The contrast. Not just different tastes in food, books and music. I'm not talking about if you are vegan and your friend cannot eat without eating meat. Or if you have a sugar tooth and your girlfriend just likes salty treats. I'll talk about your wiring, your love languages, your attachment style, your definition of love, and the way you process things.
Your wiring. We are all wired differently because of our stories. The way we were brought up and the experiences we have had shaped us. They create our beliefs, our patterns, and our reactions. This directly affects the relationship. It makes love real. Love languages. We all give and receive love differently. Your love language can be words of affirmation and physical touch like mine, and your partner's can be an act of service and quality time. And if you don't understand how each of you expresses love, people can feel unloved. We assume that the way we love is universal. But the truth is, we all speak love differently. This directly affects the relationship. It makes love real.
Investment styles. Because we were all raised differently, the way we bond with others is different. And our reactions to our intimate love relationships have a direct impact on the everyday life of our relationship. If you have an avoidable style of investing, you may have a tendency to run or hide. When you have an anxious attachment style, you can fear being abandoned and seek constant reassurance. That's a real thing. It directly affects the relationship. It makes love real.

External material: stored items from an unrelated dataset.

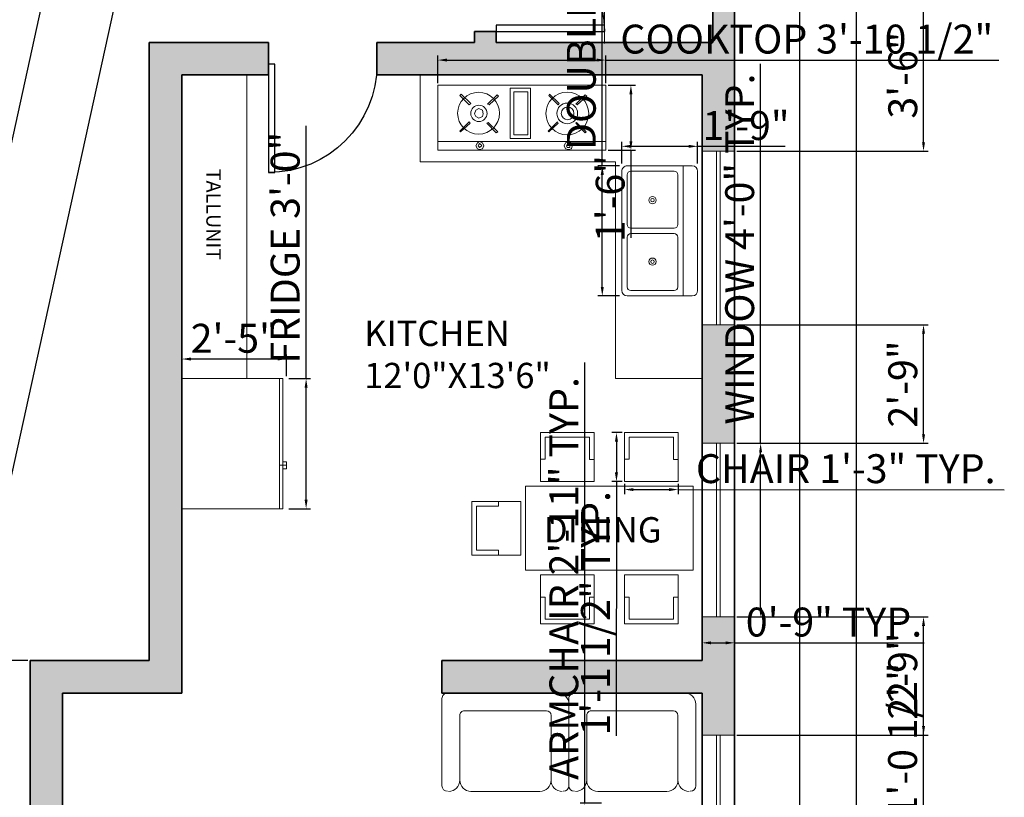
# Model space of a CAD drawing. Units: inches. Extents: x 2642 to 4124, y 1227 to 1973.
# Tile 5 of 7: x 3483 to 3756, y 1645 to 1860. Entities that reach past the tile are written whole.
import ezdxf

# ---------------------------------------------------------------- set-up
doc = ezdxf.new("R2010")
doc.units = ezdxf.units.IN
for name, color, linetype, lineweight in [('A-ANNO-DIMS', 2, 'Continuous', 18), ('A-ANNO-TEXT', 7, 'Continuous', 18), ('A-AREA-IDEN', 7, 'Continuous', 18), ('A-DOOR', 3, 'Continuous', 25), ('A-EQPM', 8, 'Continuous', 18), ('A-FLOR-CASE', 8, 'Continuous', 18), ('A-WALL', 7, 'Continuous', 35), ('A-WALL-PATT', 7, 'Continuous', 13), ('C-PROP', 7, 'Continuous', 25), ('furn', 165, 'Continuous', 18), ('window', 4, 'Continuous', 18), ('Сантехника', 9, 'Continuous', 18)]:
    doc.layers.add(name, color=color, linetype=linetype, lineweight=lineweight)
doc.styles.get("Standard").update_dxf_attribs({"font": 'arial.ttf'})
doc.dimstyles.new('ISO-25', dxfattribs={"dimtxt": 8, "dimasz": 2.5, "dimexe": 1.25, "dimexo": 0.625, "dimtad": 1, "dimdec": 0, "dimlunit": 3, "dimtxsty": 'Standard', "dimcen": 2.5, "dimadec": 0, "dimazin": 0, "dimtfac": 1, "dimtdec": 0, "dimtmove": 0, "dimatfit": 3, "dimfxl": 1, "dimarcsym": 0})

# ---------------------------------------------------------------- blocks, each defined once
blk = doc.blocks.new('*D2')
at = {"layer": 'A-ANNO-DIMS', "color": 0, "lineweight": -2, "transparency": 16777216}
for p, q in [((3699.85, 1907.78), (3716.14, 1907.78)), ((3714.89, 1905.28), (3714.89, 1310.28)), ((3699.85, 1307.78), (3716.14, 1307.78))]:
    blk.add_line(p, q, dxfattribs=at)
at = {"layer": 'A-ANNO-DIMS', "color": 0, "transparency": 16777216}
for points in [[(3714.47, 1905.28), (3715.3, 1905.28), (3714.89, 1907.78)], [(3714.47, 1310.28), (3715.3, 1310.28), (3714.89, 1307.78)]]:
    blk.add_solid(points, dxfattribs=at)
at = {"layer": 'Defpoints', "color": 0, "transparency": 16777216}
for p in [(3699.22, 1907.78), (3699.22, 1307.78), (3714.89, 1307.78)]:
    blk.add_point(p, dxfattribs=at)
at = {"layer": 'A-ANNO-DIMS', "color": 0, "transparency": 16777216, "insert": (3710.18, 1607.78), "char_height": 8, "attachment_point": 5, "rotation": 90}
blk.add_mtext("50'", dxfattribs=at)
blk = doc.blocks.new('*D4')
at = {"layer": 'A-ANNO-DIMS', "color": 0, "lineweight": -2, "transparency": 16777216}
for p, q in [((3518.61, 1907.92), (3498.8, 1912.28)), ((3368.56, 1314.45), (3499.49, 1909.57)), ((3386.61, 1307.92), (3366.8, 1312.28))]:
    blk.add_line(p, q, dxfattribs=at)
at = {"layer": 'A-ANNO-DIMS', "color": 0, "transparency": 16777216}
for points in [[(3499.08, 1909.65), (3499.89, 1909.48), (3500.02, 1912.01)], [(3368.15, 1314.54), (3368.97, 1314.36), (3368.02, 1312.01)]]:
    blk.add_solid(points, dxfattribs=at)
at = {"layer": 'Defpoints', "color": 0, "transparency": 16777216}
for p in [(3500.02, 1912.01), (3519.22, 1907.78), (3387.22, 1307.78)]:
    blk.add_point(p, dxfattribs=at)
at = {"layer": 'A-ANNO-DIMS', "color": 0, "transparency": 16777216, "insert": (3429.42, 1613.02), "char_height": 8, "attachment_point": 5, "rotation": 77.5926}
blk.add_mtext('51\'-2"', dxfattribs=at)
blk = doc.blocks.new('*U11')
for p, q in [((0, 0), (0, -6)), ((30, 0), (30, -6))]:
    blk.add_line(p, q)
blk.add_lwpolyline([(0, 0), (0, 30), (1.75, 30), (1.75, 0)], close=True)
blk.add_arc((0, 0), 30, 0, 90)
blk = doc.blocks.new('sofa-27')
at = {"color": 0, "linetype": 'ByBlock'}
for p, q in [((-0.0591, 0.0591), (-0.0591, 0.4902)), ((0.0945, 0.5198), (0.459, 0.5198)), ((0.6125, 0.0295), (0.6125, 0.4902)), ((0.0354, 0.1181), (0.0354, 0.4607)), ((0.518, 0.1181), (0.518, 0.4607)), ((0.4944, 0.0945), (0.0591, 0.0945)), ((0.583, 0), (0, 0))]:
    blk.add_line(p, q, dxfattribs=at)
for centre, radius, start, end in [((-0.0295, 0.4902), 0.0295, 90, 180), ((-0.0236, 0.4607), 0.0591, 360, 90), ((0.0945, 0.4607), 0.0591, 90, 180), ((0.459, 0.4607), 0.0591, 0, 90), ((0.5771, 0.4607), 0.0591, 90, 180), ((0.583, 0.4902), 0.0295, 0, 90), ((0.0591, 0.1181), 0.0236, 180, 270), ((0.4944, 0.1181), 0.0236, 270, 0), ((0, 0.0591), 0.0591, 180, 270), ((0.583, 0.0295), 0.0295, 270, 0)]:
    blk.add_arc(centre, radius, start, end, dxfattribs=at)
blk = doc.blocks.new('gas 1')
for points in [[(35.93, -1.87), (35.93, 0), (0, 0), (0, -1.87)], [(8.12, -0.94), (8.44, -1.56), (8.91, -1.87), (9.53, -1.56), (9.84, -0.94), (9.53, -0.31), (8.91, -0.16), (8.44, -0.31)], [(8.59, -0.94), (8.75, -1.25), (8.91, -1.41), (9.22, -1.25), (9.37, -0.94), (9.22, -0.78), (8.91, -0.62), (8.75, -0.78)], [(27.03, -0.94), (27.34, -1.56), (27.97, -1.87), (28.59, -1.56), (28.75, -0.94), (28.59, -0.31), (27.97, -0.16), (27.34, -0.31)], [(27.5, -0.94), (27.65, -1.25), (27.97, -1.41), (28.28, -1.25), (28.28, -0.94), (28.28, -0.62), (27.97, -0.62), (27.65, -0.62)], [(4.84, -3.91), (4.69, -4.06), (6.72, -6.09), (6.87, -5.78)], [(12.81, -3.91), (12.5, -3.75), (10.47, -5.78), (10.78, -5.94)], [(19.84, -13.28), (15.47, -13.28), (15.47, -2.5), (19.84, -2.5)], [(19.22, -12.5), (16.25, -12.5), (16.25, -3.28), (19.22, -3.28)], [(23.75, -3.91), (23.59, -4.06), (25.62, -6.09), (25.78, -5.78)], [(31.71, -3.91), (31.56, -3.75), (29.53, -5.78), (29.68, -5.94)], [(7.81, -7.81), (8.12, -8.59), (8.75, -8.91), (9.53, -8.59), (9.69, -7.81), (9.53, -7.19), (8.75, -6.87), (8.12, -7.19)], [(7.03, -10), (6.72, -9.69), (4.69, -11.72), (5, -12.03)], [(12.97, -11.56), (10.94, -9.69), (10.62, -9.84), (12.65, -11.87)], [(23.75, -11.72), (23.9, -12.03), (25.93, -10), (25.78, -9.69)], [(31.87, -11.56), (29.84, -9.69), (29.53, -9.84), (31.56, -11.87)]]:
    blk.add_lwpolyline(points, close=True)
blk.add_lwpolyline([(35.93, -1.87), (35.93, -13.9), (0, -13.9), (0, -1.87)])
for centre, radius in [((8.7, -7.92), 4.48), ((27.7, -7.86), 4.58), ((8.77, -7.89), 1.74), ((27.69, -7.89), 2.22), ((27.76, -7.89), 1.35)]:
    blk.add_circle(centre, radius)
blk = doc.blocks.new('Sink-double - 36 in top')
for p, q in [((-18, -4), (18, -4)), ((-0.75, -18.5), (-0.75, -6.5)), ((0.75, -6.5), (0.75, -18.5))]:
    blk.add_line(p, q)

The triggers. Nobody enters adulthood unharmed. This means that we all have police images of certain experiences that we have not healed or resolved. This means we all have triggers, things that throw up old shit and make us react in certain ways. If a stranger or acquaintance triggers something in us, we can ignore it or pass it by. It's temporary, a one-time thing. Or far and in between. But when it comes out of our house, we cannot ignore it. It can be Chinese water torture. We are constantly being thrown into our relationship. This directly affects our relationship. It makes love real. The drift.
We all drift. It doesn't matter how great the relationship is. Drift is normal. Personal life transitions and winters can lead to drift. Our everyday life can create drift. Raising children can create drift. As someone who has a six month old, I can tell you that 8 out of 10 times I will choose sleep over intimacy. Schedules, deadlines, and tasks can distract us from our partner and we can start drifting.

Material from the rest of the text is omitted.